Prosesi yang sarat nilai spiritual dan budaya ini dipimpin oleh Gusti Kanjeng Ratu (GKR) Alit selaku Pengageng Kaputren Kraton Surakarta, dan diikuti para utusan dalem. Wilujengan Caos Uninga merupakan agenda penting dalam kalender Tahun Dal Kraton Surakarta sebagai bentuk penghormatan kepada para leluhur raja-raja Mataram.
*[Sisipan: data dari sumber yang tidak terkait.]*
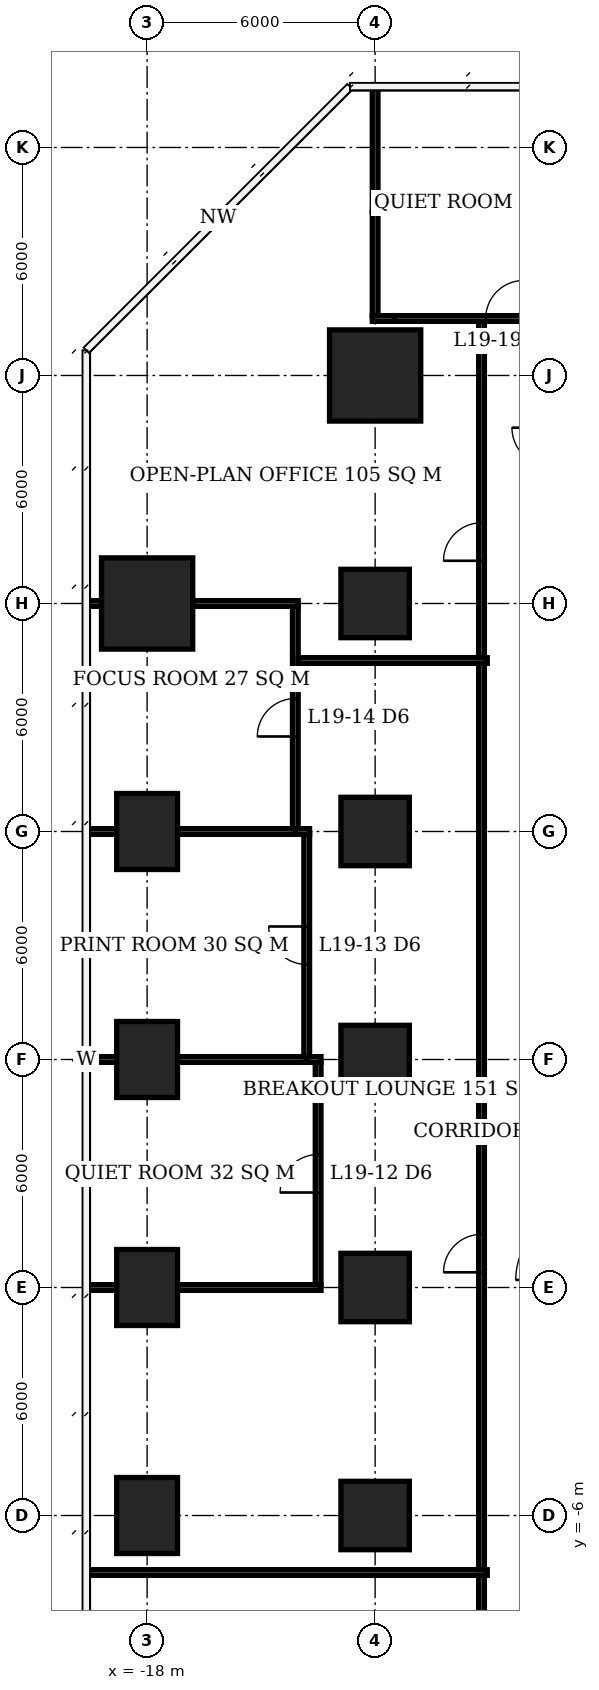
"""IFC4 building model, lengths in metres.
Left out: names, types, materials, properties, quantities, classifications, styles, units other than length and angle.
Written with IfcOpenShell. Run it as: python <this file> out.ifc"""

import sys

from ifc_helpers import new_model, si_unit, direction, frame, frame_2d, origin, origin_2d, place, context, subcontext, project, spatial, rectangle, extrude, element, fill, save


model = new_model("IFC4")
c1 = context("Model", 3, precision=1e-05, world=origin(), true_north=direction((0.0, 1.0)))
c2 = subcontext(c1, "Body", "Model", "MODEL_VIEW")
j1 = project(units=[si_unit("LENGTHUNIT", "METRE"), si_unit("PLANEANGLEUNIT", "RADIAN")], contexts=[c1])
p1 = place(None, origin())
s1 = spatial("IfcSite", under=j1, at=p1, CompositionType="ELEMENT")
p2 = place(p1, origin())
s2 = spatial("IfcBuilding", under=s1, at=p2, CompositionType="ELEMENT")
p3 = place(p2, frame((0.0, 0.0, 80.6)))
s3 = spatial("IfcBuildingStorey", under=s2, at=p3, CompositionType="ELEMENT", Elevation=80.6)
for number, where, z_axis, x_axis in (
    (1, (-18.0, -6.0, 0.0), (0.0, 0.0, 1.0), (0.0, 1.0, 0.0)),
    (2, (-18.0, 0.0, 0.0), (0.0, 0.0, 1.0), (0.0, 1.0, 0.0)),
    (3, (-18.0, 6.0, 0.0), (0.0, 0.0, 1.0), (0.0, 1.0, 0.0)),
    (4, (-18.0, 12.0, 0.0), (0.0, 0.0, 1.0), (0.0, 1.0, 0.0)),
):
    element("IfcColumn", number, at=place(p3, frame(where, z_axis=z_axis, x_axis=x_axis)), inside=s3, PredefinedType="COLUMN", context=c2, shape_type="SweptSolid", body=[
        extrude(rectangle(XDim=2.0, YDim=1.6, at=origin_2d()), origin(), (0.0, 0.0, 1.0), 3.9),
    ])
p4 = place(p3, frame((-18.0, 18.0, 0.0), z_axis=(0.0, 0.0, 1.0), x_axis=(1.0, 0.0, 0.0)))
e5 = element("IfcColumn", 5, at=p4, inside=s3, PredefinedType="COLUMN", context=c2, shape_type="SweptSolid", body=[
    extrude(rectangle(XDim=2.4, YDim=2.4, at=origin_2d()), origin(), (0.0, 0.0, 1.0), 3.9),
])
for number, where, z_axis, x_axis in (
    (6, (-12.0, -6.0, 0.0), (0.0, 0.0, 1.0), (1.0, 0.0, 0.0)),
    (7, (-12.0, 0.0, 0.0), (0.0, 0.0, 1.0), (1.0, 0.0, 0.0)),
    (8, (-12.0, 6.0, 0.0), (0.0, 0.0, 1.0), (1.0, 0.0, 0.0)),
    (9, (-12.0, 12.0, 0.0), (0.0, 0.0, 1.0), (1.0, 0.0, 0.0)),
    (10, (-12.0, 18.0, 0.0), (0.0, 0.0, 1.0), (1.0, 0.0, 0.0)),
):
    element("IfcColumn", number, at=place(p3, frame(where, z_axis=z_axis, x_axis=x_axis)), inside=s3, PredefinedType="COLUMN", context=c2, shape_type="SweptSolid", body=[
        extrude(rectangle(XDim=1.8, YDim=1.8, at=origin_2d()), origin(), (0.0, 0.0, 1.0), 3.9),
    ])
p5 = place(p3, frame((-12.0, 24.0, 0.0), z_axis=(0.0, 0.0, 1.0), x_axis=(1.0, 0.0, 0.0)))
e11 = element("IfcColumn", 11, at=p5, inside=s3, PredefinedType="COLUMN", context=c2, shape_type="SweptSolid", body=[
    extrude(rectangle(XDim=2.4, YDim=2.4, at=origin_2d()), origin(), (0.0, 0.0, 1.0), 3.9),
])
p6 = place(p3, frame((-19.6, 0.0, 0.0), z_axis=(0.0, 0.0, 1.0), x_axis=(1.0, 0.0, 0.0)))
e12 = element("IfcWall", 12, at=p6, inside=s3, PredefinedType="PARTITIONING", context=c2, shape_type="SweptSolid", body=[
    extrude(rectangle(XDim=0.8, YDim=0.15, at=frame_2d((0.4, 0.0))), origin(), (0.0, 0.0, 1.0), 3.65),
])
p7 = place(p3, frame((-17.2, 0.0, 0.0), z_axis=(0.0, 0.0, 1.0), x_axis=(1.0, 0.0, 0.0)))
e13 = element("IfcWall", 13, at=p7, inside=s3, PredefinedType="PARTITIONING", context=c2, shape_type="SweptSolid", body=[
    extrude(rectangle(XDim=3.775, YDim=0.15, at=frame_2d((1.887, 0.0))), origin(), (0.0, 0.0, 1.0), 3.65),
])
p8 = place(p3, frame((-19.55, 6.0, 0.0), z_axis=(0.0, 0.0, 1.0), x_axis=(1.0, 0.0, 0.0)))
e14 = element("IfcWall", 14, at=p8, inside=s3, PredefinedType="PARTITIONING", context=c2, shape_type="SweptSolid", body=[
    extrude(rectangle(XDim=0.75, YDim=0.15, at=frame_2d((0.375, 0.0))), origin(), (0.0, 0.0, 1.0), 3.65),
])
p9 = place(p3, frame((-17.2, 6.0, 0.0), z_axis=(0.0, 0.0, 1.0), x_axis=(1.0, 0.0, 0.0)))
e15 = element("IfcWall", 15, at=p9, inside=s3, PredefinedType="PARTITIONING", context=c2, shape_type="SweptSolid", body=[
    extrude(rectangle(XDim=3.475, YDim=0.15, at=frame_2d((1.737, 0.0))), origin(), (0.0, 0.0, 1.0), 3.65),
])
p10 = place(p3, frame((-13.8, 6.0, 0.0), z_axis=(0.0, 0.0, 1.0), x_axis=(1.0, 0.0, 0.0)))
e16 = element("IfcWall", 16, at=p10, inside=s3, PredefinedType="PARTITIONING", context=c2, shape_type="SweptSolid", body=[
    extrude(rectangle(XDim=0.375, YDim=0.15, at=frame_2d((0.188, 0.0))), origin(), (0.0, 0.0, 1.0), 3.65),
])
p11 = place(p3, frame((-19.6, 12.0, 0.0), z_axis=(0.0, 0.0, 1.0), x_axis=(1.0, 0.0, 0.0)))
e17 = element("IfcWall", 17, at=p11, inside=s3, PredefinedType="PARTITIONING", context=c2, shape_type="SweptSolid", body=[
    extrude(rectangle(XDim=0.8, YDim=0.15, at=frame_2d((0.4, 0.0))), origin(), (0.0, 0.0, 1.0), 3.65),
])
p12 = place(p3, frame((-17.2, 12.0, 0.0), z_axis=(0.0, 0.0, 1.0), x_axis=(1.0, 0.0, 0.0)))
e18 = element("IfcWall", 18, at=p12, inside=s3, PredefinedType="PARTITIONING", context=c2, shape_type="SweptSolid", body=[
    extrude(rectangle(XDim=3.175, YDim=0.15, at=frame_2d((1.587, 0.0))), origin(), (0.0, 0.0, 1.0), 3.65),
])
p13 = place(p3, frame((-14.1, 12.0, 0.0), z_axis=(0.0, 0.0, 1.0), x_axis=(1.0, 0.0, 0.0)))
e19 = element("IfcWall", 19, at=p13, inside=s3, PredefinedType="PARTITIONING", context=c2, shape_type="SweptSolid", body=[
    extrude(rectangle(XDim=0.375, YDim=0.15, at=frame_2d((0.188, 0.0))), origin(), (0.0, 0.0, 1.0), 3.65),
])
p14 = place(p3, frame((-19.6, 18.0, 0.0), z_axis=(0.0, 0.0, 1.0), x_axis=(1.0, 0.0, 0.0)))
e20 = element("IfcWall", 20, at=p14, inside=s3, PredefinedType="PARTITIONING", context=c2, shape_type="SweptSolid", body=[
    extrude(rectangle(XDim=0.4, YDim=0.15, at=frame_2d((0.2, 0.0))), origin(), (0.0, 0.0, 1.0), 3.65),
])
p15 = place(p3, frame((-16.8, 18.0, 0.0), z_axis=(0.0, 0.0, 1.0), x_axis=(1.0, 0.0, 0.0)))
e21 = element("IfcWall", 21, at=p15, inside=s3, PredefinedType="PARTITIONING", context=c2, shape_type="SweptSolid", body=[
    extrude(rectangle(XDim=2.775, YDim=0.15, at=frame_2d((1.388, 0.0))), origin(), (0.0, 0.0, 1.0), 3.65),
])
p16 = place(p3, frame((-12.075, 25.5, 0.0), z_axis=(0.0, 0.0, 1.0), x_axis=(1.0, 0.0, 0.0)))
e22 = element("IfcWall", 22, at=p16, inside=s3, PredefinedType="PARTITIONING", context=c2, shape_type="SweptSolid", body=[
    extrude(rectangle(XDim=0.585, YDim=0.15, at=frame_2d((0.292, 0.0))), origin(), (0.0, 0.0, 1.0), 2.65),
])
p17 = place(p3, frame((-11.49, 25.5, 0.0), z_axis=(0.0, 0.0, 1.0), x_axis=(1.0, 0.0, 0.0)))
e23 = element("IfcWall", 23, at=p17, inside=s3, PredefinedType="PARTITIONING", context=c2, shape_type="SweptSolid", body=[
    extrude(rectangle(XDim=4.78, YDim=0.15, at=frame_2d((2.39, 0.0))), origin(), (0.0, 0.0, 1.0), 3.65),
])
p18 = place(p17, frame((2.4, 0.0, 0.0)))
e24 = element("IfcOpeningElement", 24, at=p18, cuts=e23, PredefinedType="OPENING", context=c2, shape_type="SweptSolid", body=[
    extrude(rectangle(XDim=1.0, YDim=2.1, at=frame_2d((0.5, 1.05))), frame((0.0, 0.085, 0.0), z_axis=(0.0, -1.0, 0.0), x_axis=(1.0, 0.0, 0.0)), (0.0, 0.0, 1.0), 0.17),
])
p19 = place(p3, frame((-14.1, 12.075, 0.0), z_axis=(0.0, 0.0, 1.0), x_axis=(0.0, 1.0, 0.0)))
e25 = element("IfcWall", 25, at=p19, inside=s3, PredefinedType="PARTITIONING", context=c2, shape_type="SweptSolid", body=[
    extrude(rectangle(XDim=5.85, YDim=0.15, at=frame_2d((2.925, 0.0))), origin(), (0.0, 0.0, 1.0), 3.65),
])
p20 = place(p19, frame((2.425, 0.0, 0.0)))
e26 = element("IfcOpeningElement", 26, at=p20, cuts=e25, PredefinedType="OPENING", context=c2, shape_type="SweptSolid", body=[
    extrude(rectangle(XDim=1.0, YDim=2.1, at=frame_2d((0.5, 1.05))), frame((0.0, 0.085, 0.0), z_axis=(0.0, -1.0, 0.0), x_axis=(1.0, 0.0, 0.0)), (0.0, 0.0, 1.0), 0.17),
])
p21 = place(p3, frame((-13.8, 6.075, 0.0), z_axis=(0.0, 0.0, 1.0), x_axis=(0.0, 1.0, 0.0)))
e27 = element("IfcWall", 27, at=p21, inside=s3, PredefinedType="PARTITIONING", context=c2, shape_type="SweptSolid", body=[
    extrude(rectangle(XDim=5.85, YDim=0.15, at=frame_2d((2.925, 0.0))), origin(), (0.0, 0.0, 1.0), 3.65),
])
p22 = place(p21, frame((2.425, 0.0, 0.0)))
e28 = element("IfcOpeningElement", 28, at=p22, cuts=e27, PredefinedType="OPENING", context=c2, shape_type="SweptSolid", body=[
    extrude(rectangle(XDim=1.0, YDim=2.1, at=frame_2d((0.5, 1.05))), frame((0.0, 0.085, 0.0), z_axis=(0.0, -1.0, 0.0), x_axis=(1.0, 0.0, 0.0)), (0.0, 0.0, 1.0), 0.17),
])
p23 = place(p3, frame((-13.5, 0.075, 0.0), z_axis=(0.0, 0.0, 1.0), x_axis=(0.0, 1.0, 0.0)))
e29 = element("IfcWall", 29, at=p23, inside=s3, PredefinedType="PARTITIONING", context=c2, shape_type="SweptSolid", body=[
    extrude(rectangle(XDim=5.85, YDim=0.15, at=frame_2d((2.925, 0.0))), origin(), (0.0, 0.0, 1.0), 3.65),
])
p24 = place(p23, frame((2.425, 0.0, 0.0)))
e30 = element("IfcOpeningElement", 30, at=p24, cuts=e29, PredefinedType="OPENING", context=c2, shape_type="SweptSolid", body=[
    extrude(rectangle(XDim=1.0, YDim=2.1, at=frame_2d((0.5, 1.05))), frame((0.0, 0.085, 0.0), z_axis=(0.0, -1.0, 0.0), x_axis=(1.0, 0.0, 0.0)), (0.0, 0.0, 1.0), 0.17),
])
p25 = place(p3, frame((-12.0, 25.575, 0.0), z_axis=(0.0, 0.0, 1.0), x_axis=(0.0, 1.0, 0.0)))
e31 = element("IfcWall", 31, at=p25, inside=s3, PredefinedType="PARTITIONING", context=c2, shape_type="SweptSolid", body=[
    extrude(rectangle(XDim=2.735, YDim=0.15, at=frame_2d((1.368, 0.0))), origin(), (0.0, 0.0, 1.0), 2.65),
])
p26 = place(p3, frame((-12.0, 28.31, 0.0), z_axis=(0.0, 0.0, 1.0), x_axis=(0.0, 1.0, 0.0)))
e32 = element("IfcWall", 32, at=p26, inside=s3, PredefinedType="PARTITIONING", context=c2, shape_type="SweptSolid", body=[
    extrude(rectangle(XDim=3.29, YDim=0.15, at=frame_2d((1.645, 0.0))), origin(), (0.0, 0.0, 1.0), 3.65),
])
p27 = place(p3, frame((-19.6, -7.5, 0.0), z_axis=(0.0, 0.0, 1.0), x_axis=(1.0, 0.0, 0.0)))
e33 = element("IfcWall", 33, at=p27, inside=s3, PredefinedType="PARTITIONING", context=c2, shape_type="SweptSolid", body=[
    extrude(rectangle(XDim=10.55, YDim=0.15, at=frame_2d((5.275, 0.0))), origin(), (0.0, 0.0, 1.0), 3.65),
])
p28 = place(p3, frame((-14.025, 16.5, 0.0), z_axis=(0.0, 0.0, 1.0), x_axis=(1.0, 0.0, 0.0)))
e34 = element("IfcWall", 34, at=p28, inside=s3, PredefinedType="PARTITIONING", context=c2, shape_type="SweptSolid", body=[
    extrude(rectangle(XDim=4.975, YDim=0.15, at=frame_2d((2.487, 0.0))), origin(), (0.0, 0.0, 1.0), 3.65),
])
p29 = place(p3, frame((-9.2, -13.425, 0.0), z_axis=(0.0, 0.0, 1.0), x_axis=(0.0, 1.0, 0.0)))
e35 = element("IfcWall", 35, at=p29, inside=s3, PredefinedType="PARTITIONING", context=c2, shape_type="SweptSolid", body=[
    extrude(rectangle(XDim=5.85, YDim=0.15, at=frame_2d((2.925, 0.0))), origin(), (0.0, 0.0, 1.0), 3.65),
])
p30 = place(p29, frame((1.574, 0.0, 0.0)))
e36 = element("IfcOpeningElement", 36, at=p30, cuts=e35, PredefinedType="OPENING", context=c2, shape_type="SweptSolid", body=[
    extrude(rectangle(XDim=1.0, YDim=2.1, at=frame_2d((0.5, 1.05))), frame((0.0, 0.085, 0.0), z_axis=(0.0, -1.0, 0.0), x_axis=(1.0, 0.0, 0.0)), (0.0, 0.0, 1.0), 0.17),
])
p31 = place(p3, frame((-9.2, -7.425, 0.0), z_axis=(0.0, 0.0, 1.0), x_axis=(0.0, 1.0, 0.0)))
e37 = element("IfcWall", 37, at=p31, inside=s3, PredefinedType="PARTITIONING", context=c2, shape_type="SweptSolid", body=[
    extrude(rectangle(XDim=23.85, YDim=0.15, at=frame_2d((11.925, 0.0))), origin(), (0.0, 0.0, 1.0), 3.65),
])
p32 = place(p31, frame((7.825, 0.0, 0.0)))
e38 = element("IfcOpeningElement", 38, at=p32, cuts=e37, PredefinedType="OPENING", context=c2, shape_type="SweptSolid", body=[
    extrude(rectangle(XDim=1.0, YDim=2.1, at=frame_2d((0.5, 1.05))), frame((0.0, 0.085, 0.0), z_axis=(0.0, -1.0, 0.0), x_axis=(1.0, 0.0, 0.0)), (0.0, 0.0, 1.0), 0.17),
])
p33 = place(p3, frame((-9.2, 16.575, 0.0), z_axis=(0.0, 0.0, 1.0), x_axis=(0.0, 1.0, 0.0)))
e39 = element("IfcWall", 39, at=p33, inside=s3, PredefinedType="PARTITIONING", context=c2, shape_type="SweptSolid", body=[
    extrude(rectangle(XDim=8.85, YDim=0.15, at=frame_2d((4.425, 0.0))), origin(), (0.0, 0.0, 1.0), 3.65),
])
p34 = place(p33, frame((2.549, 0.0, 0.0)))
e40 = element("IfcOpeningElement", 40, at=p34, cuts=e39, PredefinedType="OPENING", context=c2, shape_type="SweptSolid", body=[
    extrude(rectangle(XDim=1.0, YDim=2.1, at=frame_2d((0.5, 1.05))), frame((0.0, 0.085, 0.0), z_axis=(0.0, -1.0, 0.0), x_axis=(1.0, 0.0, 0.0)), (0.0, 0.0, 1.0), 0.17),
])
p35 = place(p24, origin())
e41 = element("IfcDoor", 41, at=p35, inside=s3, OperationType="SINGLE_SWING_LEFT", PredefinedType="DOOR", context=c2, shape_type="SweptSolid", body=[
    extrude(rectangle(XDim=1.0, YDim=2.1, at=frame_2d((0.5, 1.05))), frame((0.0, 0.025, 0.0), z_axis=(0.0, -1.0, 0.0), x_axis=(1.0, 0.0, 0.0)), (0.0, 0.0, 1.0), 0.05),
])
fill(e30, e41)
p36 = place(p22, origin())
e42 = element("IfcDoor", 42, at=p36, inside=s3, OperationType="SINGLE_SWING_RIGHT", PredefinedType="DOOR", context=c2, shape_type="SweptSolid", body=[
    extrude(rectangle(XDim=1.0, YDim=2.1, at=frame_2d((0.5, 1.05))), frame((0.0, 0.025, 0.0), z_axis=(0.0, -1.0, 0.0), x_axis=(1.0, 0.0, 0.0)), (0.0, 0.0, 1.0), 0.05),
])
fill(e28, e42)
p37 = place(p20, origin())
e43 = element("IfcDoor", 43, at=p37, inside=s3, OperationType="SINGLE_SWING_LEFT", PredefinedType="DOOR", context=c2, shape_type="SweptSolid", body=[
    extrude(rectangle(XDim=1.0, YDim=2.1, at=frame_2d((0.5, 1.05))), frame((0.0, 0.025, 0.0), z_axis=(0.0, -1.0, 0.0), x_axis=(1.0, 0.0, 0.0)), (0.0, 0.0, 1.0), 0.05),
])
fill(e26, e43)
p38 = place(p18, origin())
e44 = element("IfcDoor", 44, at=p38, inside=s3, OperationType="SINGLE_SWING_RIGHT", PredefinedType="DOOR", context=c2, shape_type="SweptSolid", body=[
    extrude(rectangle(XDim=1.0, YDim=2.1, at=frame_2d((0.5, 1.05))), frame((0.0, 0.025, 0.0), z_axis=(0.0, -1.0, 0.0), x_axis=(1.0, 0.0, 0.0)), (0.0, 0.0, 1.0), 0.05),
])
fill(e24, e44)
p39 = place(p32, origin())
e45 = element("IfcDoor", 45, at=p39, inside=s3, OperationType="SINGLE_SWING_LEFT", PredefinedType="DOOR", context=c2, shape_type="SweptSolid", body=[
    extrude(rectangle(XDim=1.0, YDim=2.1, at=frame_2d((0.5, 1.05))), frame((0.0, 0.025, 0.0), z_axis=(0.0, -1.0, 0.0), x_axis=(1.0, 0.0, 0.0)), (0.0, 0.0, 1.0), 0.05),
])
fill(e38, e45)
p40 = place(p34, origin())
e46 = element("IfcDoor", 46, at=p40, inside=s3, OperationType="SINGLE_SWING_LEFT", PredefinedType="DOOR", context=c2, shape_type="SweptSolid", body=[
    extrude(rectangle(XDim=1.0, YDim=2.1, at=frame_2d((0.5, 1.05))), frame((0.0, 0.025, 0.0), z_axis=(0.0, -1.0, 0.0), x_axis=(1.0, 0.0, 0.0)), (0.0, 0.0, 1.0), 0.05),
])
fill(e40, e46)
save(model, sys.argv[1])

Rangkaian kegiatan dimulai dari persiapan ritual di Kraton Surakarta, dilanjutkan perjalanan menuju kompleks makam yang terletak di Karang Kulon, Wukirsari, Imogiri, Bantul. Setibanya di lokasi, rombongan melaksanakan nyekar atau ziarah ke Pesareyan Sultan Agung Prabu Hanyokrokusumo yang berada di puncak bukit Imogiri.
Selain berziarah ke makam Sultan Agung, rombongan juga mengunjungi Kedhaton Girimulyo, tempat peristirahatan terakhir para raja Dinasti Pakubuwono, yaitu Sunan Pakubuwono X, XI, dan XII.
Kanjeng Pangeran Aryo (KPA) Dani Nur Adiningrat menyampaikan, pada hari yang sama Sri Susuhunan Ingkang Sinuhun Kanjeng Susuhunan (SISKS) Pakoe Boewono XIII telah mendawuhkan utusan dalem untuk melaksanakan ziarah ke makam Sultan Agung serta mengambil uborampe sebagai bagian dari persiapan Hajad Dalem Bethak (Adhang Tahun Dal 1959).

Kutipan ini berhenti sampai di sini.